Supervisor: Dr. Orland Hoeber
Improving Web Search Personalization Using Luhn-Inspired Vector Re-Weighting
Department of Computer Science
Wednesday, November 23, 2011, 1:00 p.m., Room EN 2022
Web search is an essential tool for people to find information among the vast resources available on the Web. However, under the same query, conventional Web search systems return the same search results for different users, regardless of their different information needs. This limits the effectiveness of Web search, especially in light of the short queries that are common on the Web. In order to address this problem, personalization has been studied as a way to tailor Web search to individual users based on their interests and preferences.
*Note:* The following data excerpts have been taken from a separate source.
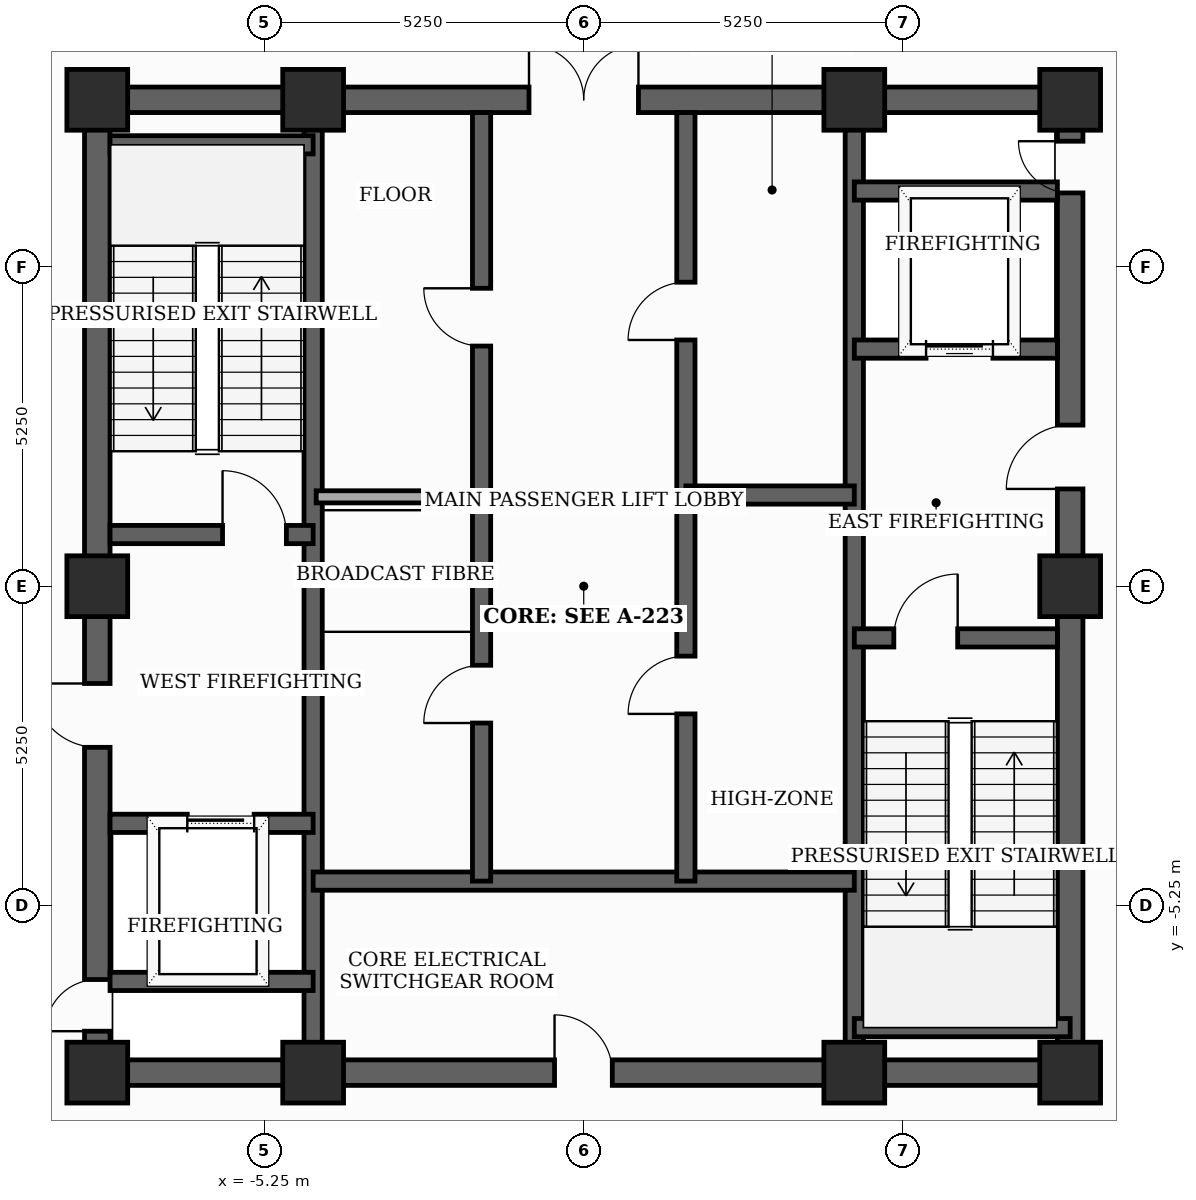
"""IFC4 building model, lengths in metres.
Left out: names, types, materials, properties, quantities, classifications, styles, units other than length and angle.
Written with IfcOpenShell. Run it as: python <this file> out.ifc"""

import sys

from ifc_helpers import new_model, si_unit, direction, frame, frame_2d, origin, origin_2d, place, context, subcontext, project, spatial, rectangle, extrude, element, fill, save


model = new_model("IFC4")
c1 = context("Model", 3, precision=1e-05, world=origin(), true_north=direction((0.0, 1.0)))
c2 = subcontext(c1, "Body", "Model", "MODEL_VIEW")
j1 = project(units=[si_unit("LENGTHUNIT", "METRE"), si_unit("PLANEANGLEUNIT", "RADIAN")], contexts=[c1])
p1 = place(None, origin())
s1 = spatial("IfcSite", under=j1, at=p1, CompositionType="ELEMENT")
p2 = place(p1, origin())
s2 = spatial("IfcBuilding", under=s1, at=p2, CompositionType="ELEMENT")
p3 = place(p2, frame((0.0, 0.0, 317.4)))
s3 = spatial("IfcBuildingStorey", under=s2, at=p3, CompositionType="ELEMENT", Elevation=317.4)
for number, where, z_axis, x_axis in (
    (1, (-8.0, -8.0, 0.0), (0.0, 0.0, 1.0), (1.0, 0.0, 0.0)),
    (2, (-4.45, -8.0, 0.0), (0.0, 0.0, 1.0), (1.0, 0.0, 0.0)),
    (3, (4.45, -8.0, 0.0), (0.0, 0.0, 1.0), (1.0, 0.0, 0.0)),
    (4, (8.0, -8.0, 0.0), (0.0, 0.0, 1.0), (1.0, 0.0, 0.0)),
    (5, (8.0, 0.0, 0.0), (0.0, 0.0, 1.0), (1.0, 0.0, 0.0)),
    (6, (8.0, 8.0, 0.0), (0.0, 0.0, 1.0), (1.0, 0.0, 0.0)),
    (7, (4.45, 8.0, 0.0), (0.0, 0.0, 1.0), (1.0, 0.0, 0.0)),
    (8, (-4.45, 8.0, 0.0), (0.0, 0.0, 1.0), (1.0, 0.0, 0.0)),
    (9, (-8.0, 8.0, 0.0), (0.0, 0.0, 1.0), (1.0, 0.0, 0.0)),
    (10, (-8.0, 0.0, 0.0), (0.0, 0.0, 1.0), (1.0, 0.0, 0.0)),
):
    element("IfcColumn", number, at=place(p3, frame(where, z_axis=z_axis, x_axis=x_axis)), inside=s3, PredefinedType="COLUMN", context=c2, shape_type="SweptSolid", body=[
        extrude(rectangle(XDim=1.0, YDim=1.0, at=origin_2d()), origin(), (0.0, 0.0, 1.0), 4.6),
    ])
p4 = place(p3, frame((-8.0, -8.0, 0.0), z_axis=(0.0, 0.0, 1.0), x_axis=(0.0, 1.0, 0.0)))
e11 = element("IfcWall", 11, at=p4, inside=s3, PredefinedType="SHEAR", context=c2, shape_type="SweptSolid", body=[
    extrude(rectangle(XDim=16.0, YDim=0.42, at=frame_2d((8.0, 0.0))), origin(), (0.0, 0.0, 1.0), 4.38),
])
p5 = place(p4, frame((0.681, 0.0, 0.0)))
e12 = element("IfcOpeningElement", 12, at=p5, cuts=e11, PredefinedType="OPENING", context=c2, shape_type="SweptSolid", body=[
    extrude(rectangle(XDim=0.85, YDim=2.02, at=frame_2d((0.425, 1.01))), frame((0.0, 0.22, 0.0), z_axis=(0.0, -1.0, 0.0), x_axis=(1.0, 0.0, 0.0)), (0.0, 0.0, 1.0), 0.44),
])
p6 = place(p4, frame((5.35, 0.0, 0.0)))
e13 = element("IfcOpeningElement", 13, at=p6, cuts=e11, PredefinedType="OPENING", context=c2, shape_type="SweptSolid", body=[
    extrude(rectangle(XDim=1.05, YDim=2.15, at=frame_2d((0.525, 1.075))), frame((0.0, 0.22, 0.0), z_axis=(0.0, -1.0, 0.0), x_axis=(1.0, 0.0, 0.0)), (0.0, 0.0, 1.0), 0.44),
])
p7 = place(p3, frame((8.0, -8.0, 0.0), z_axis=(0.0, 0.0, 1.0), x_axis=(0.0, 1.0, 0.0)))
e14 = element("IfcWall", 14, at=p7, inside=s3, PredefinedType="SHEAR", context=c2, shape_type="SweptSolid", body=[
    extrude(rectangle(XDim=16.0, YDim=0.42, at=frame_2d((8.0, 0.0))), origin(), (0.0, 0.0, 1.0), 4.38),
])
p8 = place(p7, frame((9.6, 0.0, 0.0)))
e15 = element("IfcOpeningElement", 15, at=p8, cuts=e14, PredefinedType="OPENING", context=c2, shape_type="SweptSolid", body=[
    extrude(rectangle(XDim=1.05, YDim=2.15, at=frame_2d((0.525, 1.075))), frame((0.0, 0.22, 0.0), z_axis=(0.0, -1.0, 0.0), x_axis=(1.0, 0.0, 0.0)), (0.0, 0.0, 1.0), 0.44),
])
p9 = place(p7, frame((14.469, 0.0, 0.0)))
e16 = element("IfcOpeningElement", 16, at=p9, cuts=e14, PredefinedType="OPENING", context=c2, shape_type="SweptSolid", body=[
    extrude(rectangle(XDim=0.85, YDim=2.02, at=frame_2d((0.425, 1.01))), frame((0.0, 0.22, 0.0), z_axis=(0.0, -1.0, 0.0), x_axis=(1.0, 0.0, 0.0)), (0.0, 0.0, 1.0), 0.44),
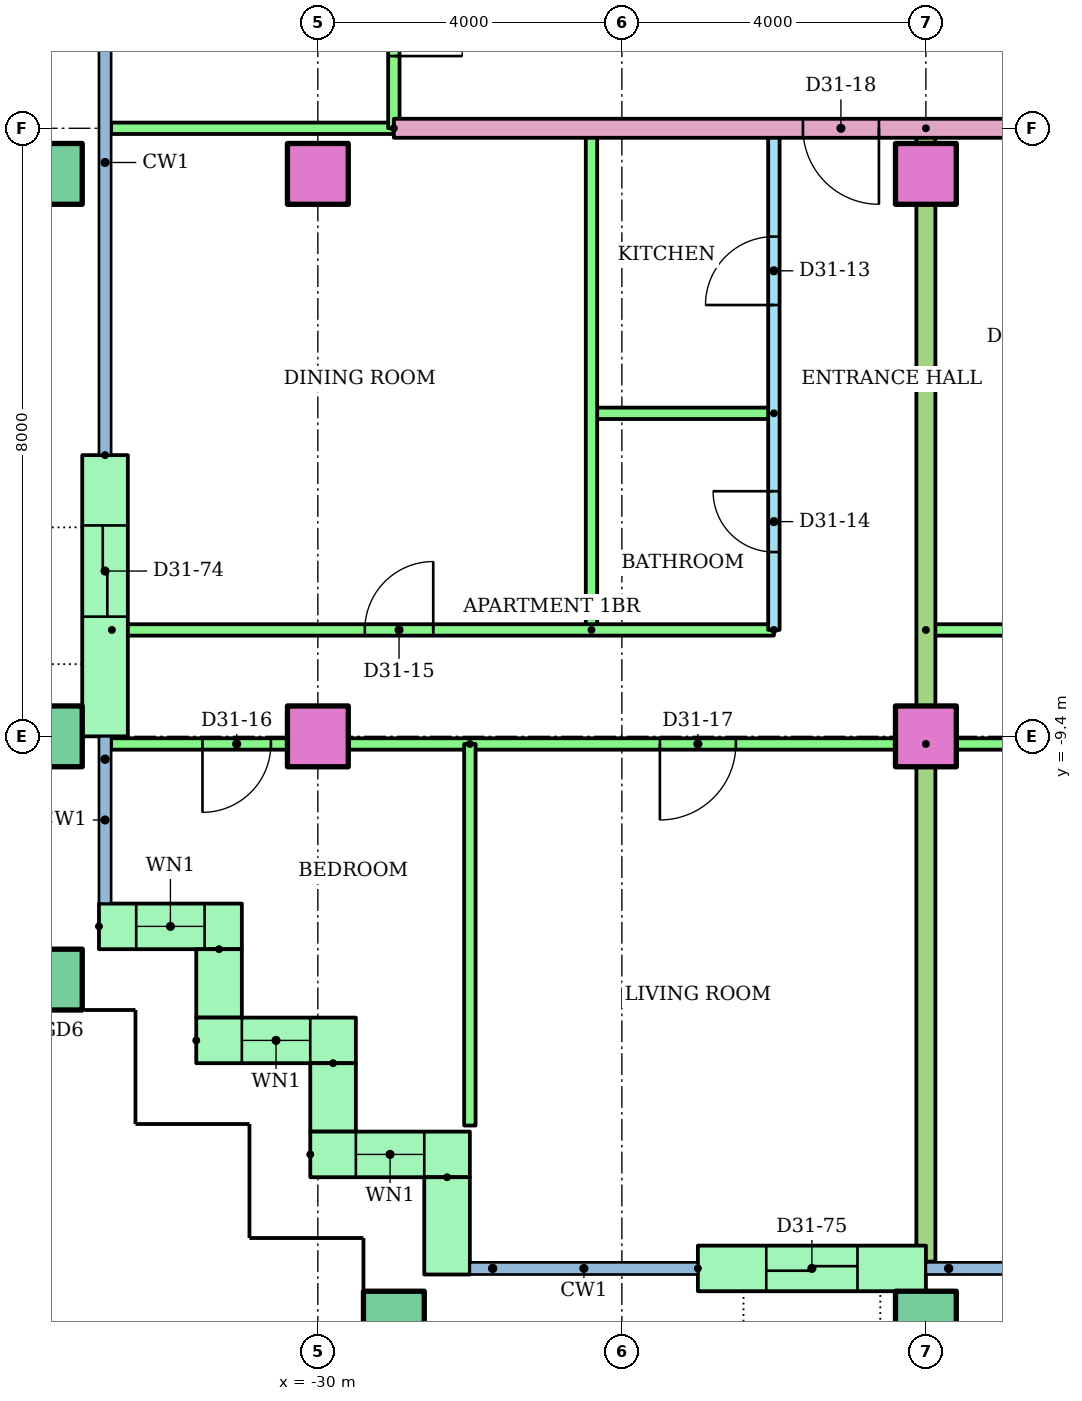
"""IFC4 building model, lengths in metres.
Left out: names, types, materials, properties, quantities, classifications, styles, units other than length and angle.
Written with IfcOpenShell. Run it as: python <this file> out.ifc"""

import sys

from ifc_helpers import new_model, si_unit, direction, frame, frame_2d, origin, origin_2d, place, context, subcontext, project, spatial, rectangle, hollow_rectangle, extrude, element, fill, save


model = new_model("IFC4")
c1 = context("Model", 3, precision=1e-05, world=origin(), true_north=direction((0.0, 1.0)))
c2 = subcontext(c1, "Body", "Model", "MODEL_VIEW")
j1 = project(units=[si_unit("LENGTHUNIT", "METRE"), si_unit("PLANEANGLEUNIT", "RADIAN")], contexts=[c1])
p1 = place(None, origin())
s1 = spatial("IfcSite", under=j1, at=p1, CompositionType="ELEMENT")
p2 = place(p1, origin())
s2 = spatial("IfcBuilding", under=s1, at=p2, CompositionType="ELEMENT")
p3 = place(p2, frame((0.0, 0.0, 123.0)))
s3 = spatial("IfcBuildingStorey", under=s2, at=p3, CompositionType="ELEMENT", Elevation=123.0)
for number, where in (
    (1, (-29.0, -17.1, 0.0)),
    (2, (-22.0, -17.1, 0.0)),
    (3, (-33.5, -12.6, 0.0)),
    (4, (-33.5, -9.4, 0.0)),
):
    element("IfcColumn", number, at=place(p3, frame(where)), inside=s3, PredefinedType="COLUMN", context=c2, shape_type="SweptSolid", body=[
        extrude(hollow_rectangle(XDim=0.8, YDim=0.8, WallThickness=0.04, at=origin_2d()), origin(), (0.0, 0.0, 1.0), 3.2),
    ])
for number, where in (
    (5, (-30.0, -9.4, 0.0)),
    (6, (-22.0, -9.4, 0.0)),
):
    element("IfcColumn", number, at=place(p3, frame(where)), inside=s3, PredefinedType="COLUMN", context=c2, shape_type="SweptSolid", body=[
        extrude(rectangle(XDim=0.8, YDim=0.8, at=origin_2d()), origin(), (0.0, 0.0, 1.0), 3.2),
    ])
p4 = place(p3, frame((-33.5, -2.0, 0.0)))
e7 = element("IfcColumn", 7, at=p4, inside=s3, PredefinedType="COLUMN", context=c2, shape_type="SweptSolid", body=[
    extrude(hollow_rectangle(XDim=0.8, YDim=0.8, WallThickness=0.04, at=origin_2d()), origin(), (0.0, 0.0, 1.0), 3.2),
])
for number, where in (
    (8, (-30.0, -2.0, 0.0)),
    (9, (-22.0, -2.0, 0.0)),
):
    element("IfcColumn", number, at=place(p3, frame(where)), inside=s3, PredefinedType="COLUMN", context=c2, shape_type="SweptSolid", body=[
        extrude(rectangle(XDim=0.8, YDim=0.8, at=origin_2d()), origin(), (0.0, 0.0, 1.0), 3.2),
    ])
p5 = place(p3, frame((-32.8, -5.7, 0.0), z_axis=(0.0, 0.0, 1.0), x_axis=(0.0, -1.0, 0.0)))
e10 = element("IfcWall", 10, at=p5, inside=s3, PredefinedType="STANDARD", context=c2, shape_type="SweptSolid", body=[
    extrude(rectangle(XDim=3.7, YDim=0.6, at=frame_2d((1.85, 0.0))), origin(), (0.0, 0.0, 1.0), 2.92),
])
p6 = place(p5, frame((0.925, 0.0, 0.0)))
e11 = element("IfcOpeningElement", 11, at=p6, cuts=e10, PredefinedType="OPENING", context=c2, shape_type="SweptSolid", body=[
    extrude(rectangle(XDim=1.2, YDim=2.1, at=frame_2d((0.6, 1.05))), frame((0.0, 0.31, 0.0), z_axis=(0.0, -1.0, 0.0), x_axis=(1.0, 0.0, 0.0)), (0.0, 0.0, 1.0), 0.62),
])
p7 = place(p3, frame((-32.88, -11.9, 0.0)))
e12 = element("IfcWall", 12, at=p7, inside=s3, PredefinedType="STANDARD", context=c2, shape_type="SweptSolid", body=[
    extrude(rectangle(XDim=1.88, YDim=0.6, at=frame_2d((0.94, 0.0))), origin(), (0.0, 0.0, 1.0), 2.92),
])
p8 = place(p7, frame((0.49, 0.0, 0.9)))
e13 = element("IfcOpeningElement", 13, at=p8, cuts=e12, PredefinedType="OPENING", context=c2, shape_type="SweptSolid", body=[
    extrude(rectangle(XDim=0.9, YDim=1.5, at=frame_2d((0.45, 0.75))), frame((0.0, 0.31, 0.0), z_axis=(0.0, -1.0, 0.0), x_axis=(1.0, 0.0, 0.0)), (0.0, 0.0, 1.0), 0.62),
])
p9 = place(p3, frame((-31.3, -12.2, 0.0), z_axis=(0.0, 0.0, 1.0), x_axis=(0.0, -1.0, 0.0)))
e14 = element("IfcWall", 14, at=p9, inside=s3, PredefinedType="STANDARD", context=c2, shape_type="SweptSolid", body=[
    extrude(rectangle(XDim=0.9, YDim=0.6, at=frame_2d((0.45, 0.0))), origin(), (0.0, 0.0, 1.0), 2.92),
])
p10 = place(p3, frame((-31.6, -13.4, 0.0)))
e15 = element("IfcWall", 15, at=p10, inside=s3, PredefinedType="STANDARD", context=c2, shape_type="SweptSolid", body=[
    extrude(rectangle(XDim=2.1, YDim=0.6, at=frame_2d((1.05, 0.0))), origin(), (0.0, 0.0, 1.0), 2.92),
])
p11 = place(p10, frame((0.6, 0.0, 0.9)))
e16 = element("IfcOpeningElement", 16, at=p11, cuts=e15, PredefinedType="OPENING", context=c2, shape_type="SweptSolid", body=[
    extrude(rectangle(XDim=0.9, YDim=1.5, at=frame_2d((0.45, 0.75))), frame((0.0, 0.31, 0.0), z_axis=(0.0, -1.0, 0.0), x_axis=(1.0, 0.0, 0.0)), (0.0, 0.0, 1.0), 0.62),
])
p12 = place(p3, frame((-29.8, -13.7, 0.0), z_axis=(0.0, 0.0, 1.0), x_axis=(0.0, -1.0, 0.0)))
e17 = element("IfcWall", 17, at=p12, inside=s3, PredefinedType="STANDARD", context=c2, shape_type="SweptSolid", body=[
    extrude(rectangle(XDim=0.9, YDim=0.6, at=frame_2d((0.45, 0.0))), origin(), (0.0, 0.0, 1.0), 2.92),
])
p13 = place(p3, frame((-30.1, -14.9, 0.0)))
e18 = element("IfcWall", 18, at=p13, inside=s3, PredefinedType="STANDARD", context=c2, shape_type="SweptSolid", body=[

A common approach is to model users’ interests into term frequency (TF) vectors, and re-rank the search results based on the similarity of documents to these vector-based models. However, a difficulty with this approach is that the high-frequency terms within the vector-based models are usually over weighted, and such common terms can easily diminish the capabilities of personalization because of their potentially ambiguous nature. A classical approach to address this problem is TF*IDF, which scales down the importance of the high-frequency terms using the inverse document frequency (IDF). However, the calculation of IDF is usually difficult and costly within the context of Web search personalization since it requires knowledge of the distribution of terms across all documents on the Web (or at least in a subset of the Web). Inspired by Luhn’s model of term importance, a novel approach is proposed in this thesis to identify significant terms in vector-based personalization models in order to improve the personalized order of the search results. Unlike TF*IDF, this approach does not require the knowledge of the entire collection of documents, but only the information that is already contained in the target model. Based on the features of the term frequency histogram derived from the target model, this Luhn-inspired vector re-weighting approach is able to automatically re-weight the terms in the target model according to their significance values. Evaluations with a set of ambiguous queries illustrate that this approach is effective for improving the ranked order of the search results over the original ranking and the baseline TF approach. Although the performance is similar to that of TF*IDF, it requires access to less information during the construction of the personalization models, and can be applied more broadly when only limited information regarding the collection being searched is available.